Los Angeles, 26 mars 2026 – À deux ans des Jeux olympiques de Los Angeles, le Comité d’organisation (LA28) a pris une décision qui va faire date. Après plusieurs mois de consultations, les responsables ont officialisé une politique interdisant la participation des athlètes transgenres dans les épreuves féminines.
Cette orientation, largement attendue, est directement inspirée du décret exécutif signé par le président Donald Trump le 5 février 2026, intitulé « Garantir l’équité dans les sports féminins ». Le texte, qui a fait l’objet d’une cérémonie très médiatisée à la Maison-Blanche, stipule que toute institution éducative recevant des fonds fédéraux doit interdire aux athlètes transgenres de participer aux équipes féminines, sous peine de perdre ses subventions .
Lors de la signature, Trump avait affirmé que cette mesure était une question de « justice élémentaire » et qu’elle mettrait fin à ce qu’il a appelé une « invasion » des compétitions féminines .

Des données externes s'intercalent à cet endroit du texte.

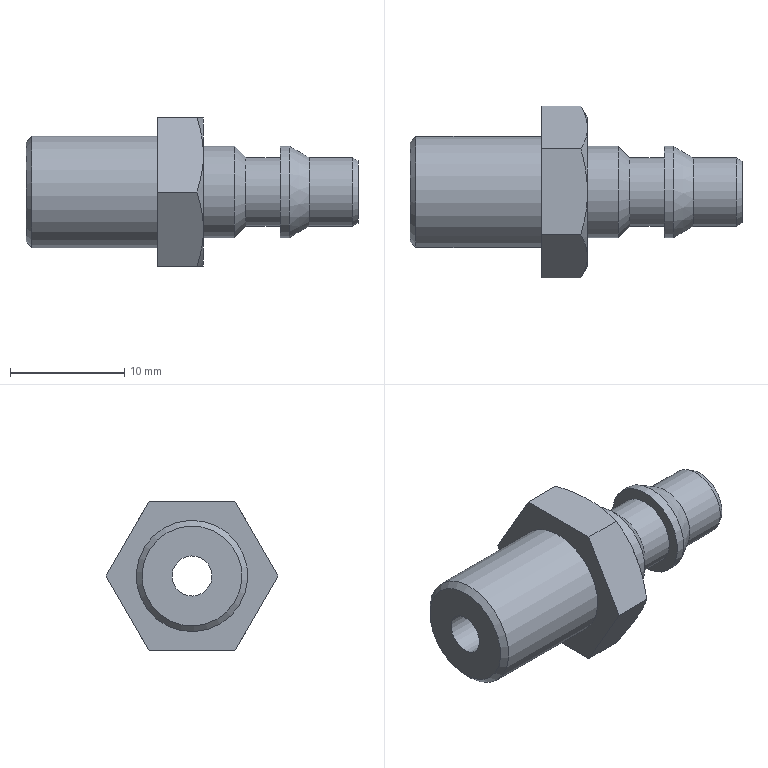Component | NX | TUBE_FITTING | 1 solid | 27 faces | volume 1641 mm3 | plane 11 | cone 10 | cylinder 6 | commonest cylinder face diameters 8 x2 6 x2 9.728 x1 3.5 x1

UNE DÉCISION QUI FAIT POLÉMIQUE
L’annonce du comité LA28 a été accueillie très favorablement par les milieux conservateurs. Fox News a diffusé en boucle des analyses saluant une « victoire pour l’équité sportive ». Un porte-parole du comité d’organisation a justifié la décision en expliquant qu’elle était nécessaire pour « maintenir des conditions de compétition justes et protégées pour les athlètes féminines » .
À l’inverse, les organisations de défense des droits LGBTQ+ ont vivement critiqué la mesure. La Human Rights Campaign a dénoncé une politique qui « cible une communauté déjà vulnérable et ne repose sur aucune base scientifique solide ». Plusieurs athlètes de haut niveau ont également exprimé leur désarroi sur les réseaux sociaux.
LE CIO PREND SES DISTANCES
De son côté, le Comité international olympique (CIO) a rappelé dans un communiqué que la responsabilité des règles de participation revient à chaque fédération internationale. L’instance de Lausanne, qui s’était dotée en 2021 d’un cadre « fondé sur les preuves » pour les personnes transgenres, a indiqué qu’elle ne commentait pas les décisions des comités d’organisation nationaux, mais qu’elle réaffirmait son engagement pour des Jeux « inclusifs et respectueux de tous les athlètes » .
UN DÉCRET QUI DÉPASSE LE CADRE SPORTIF
Le décret du 5 février 2026, qui a servi de base à la décision du comité LA28, est bien plus large qu’une simple mesure sportive. Il menace de retirer les financements fédéraux à toute école, université ou fédération qui ne se conformerait pas à l’interdiction . Ce texte a déjà eu des conséquences pratiques dans les championnats universitaires américains, plusieurs athlètes transgenres ayant été déclarées inéligibles ces dernières semaines.
CE QUE DIT LA SCIENCE
La question de la participation des athlètes transgenres est l’une des plus clivantes du sport mondial. Les études actuelles montrent que si un traitement hormonal supprime la testostérone pendant au moins un an, la plupart des avantages physiques liés à la puberté masculine sont réduits. Mais les avis divergent sur la question de savoir si cela suffit à garantir une « équité parfaite » .
Certains experts estiment que la politique actuelle du CIO, qui laisse chaque fédération fixer ses propres règles, est plus adaptée que des interdictions globales. D’autres, comme le décret Trump, considèrent que l’exclusion totale est la seule solution pour « protéger » les compétitions féminines.
POUR NOS LECTEURS HAÏTIENS
Si Haïti n’est pas directement concernée par cette décision olympique, elle s’inscrit dans un débat global qui touche aussi les communautés sportives et les diasporas. Pour la diaspora haïtienne vivant aux États-Unis, ces questions d’inclusion et de droits des personnes transgenres sont au cœur des discussions politiques et sociales qui traversent le pays. Alors que les Jeux de Los Angeles approchent, ce sujet continuera probablement d’alimenter la chronique.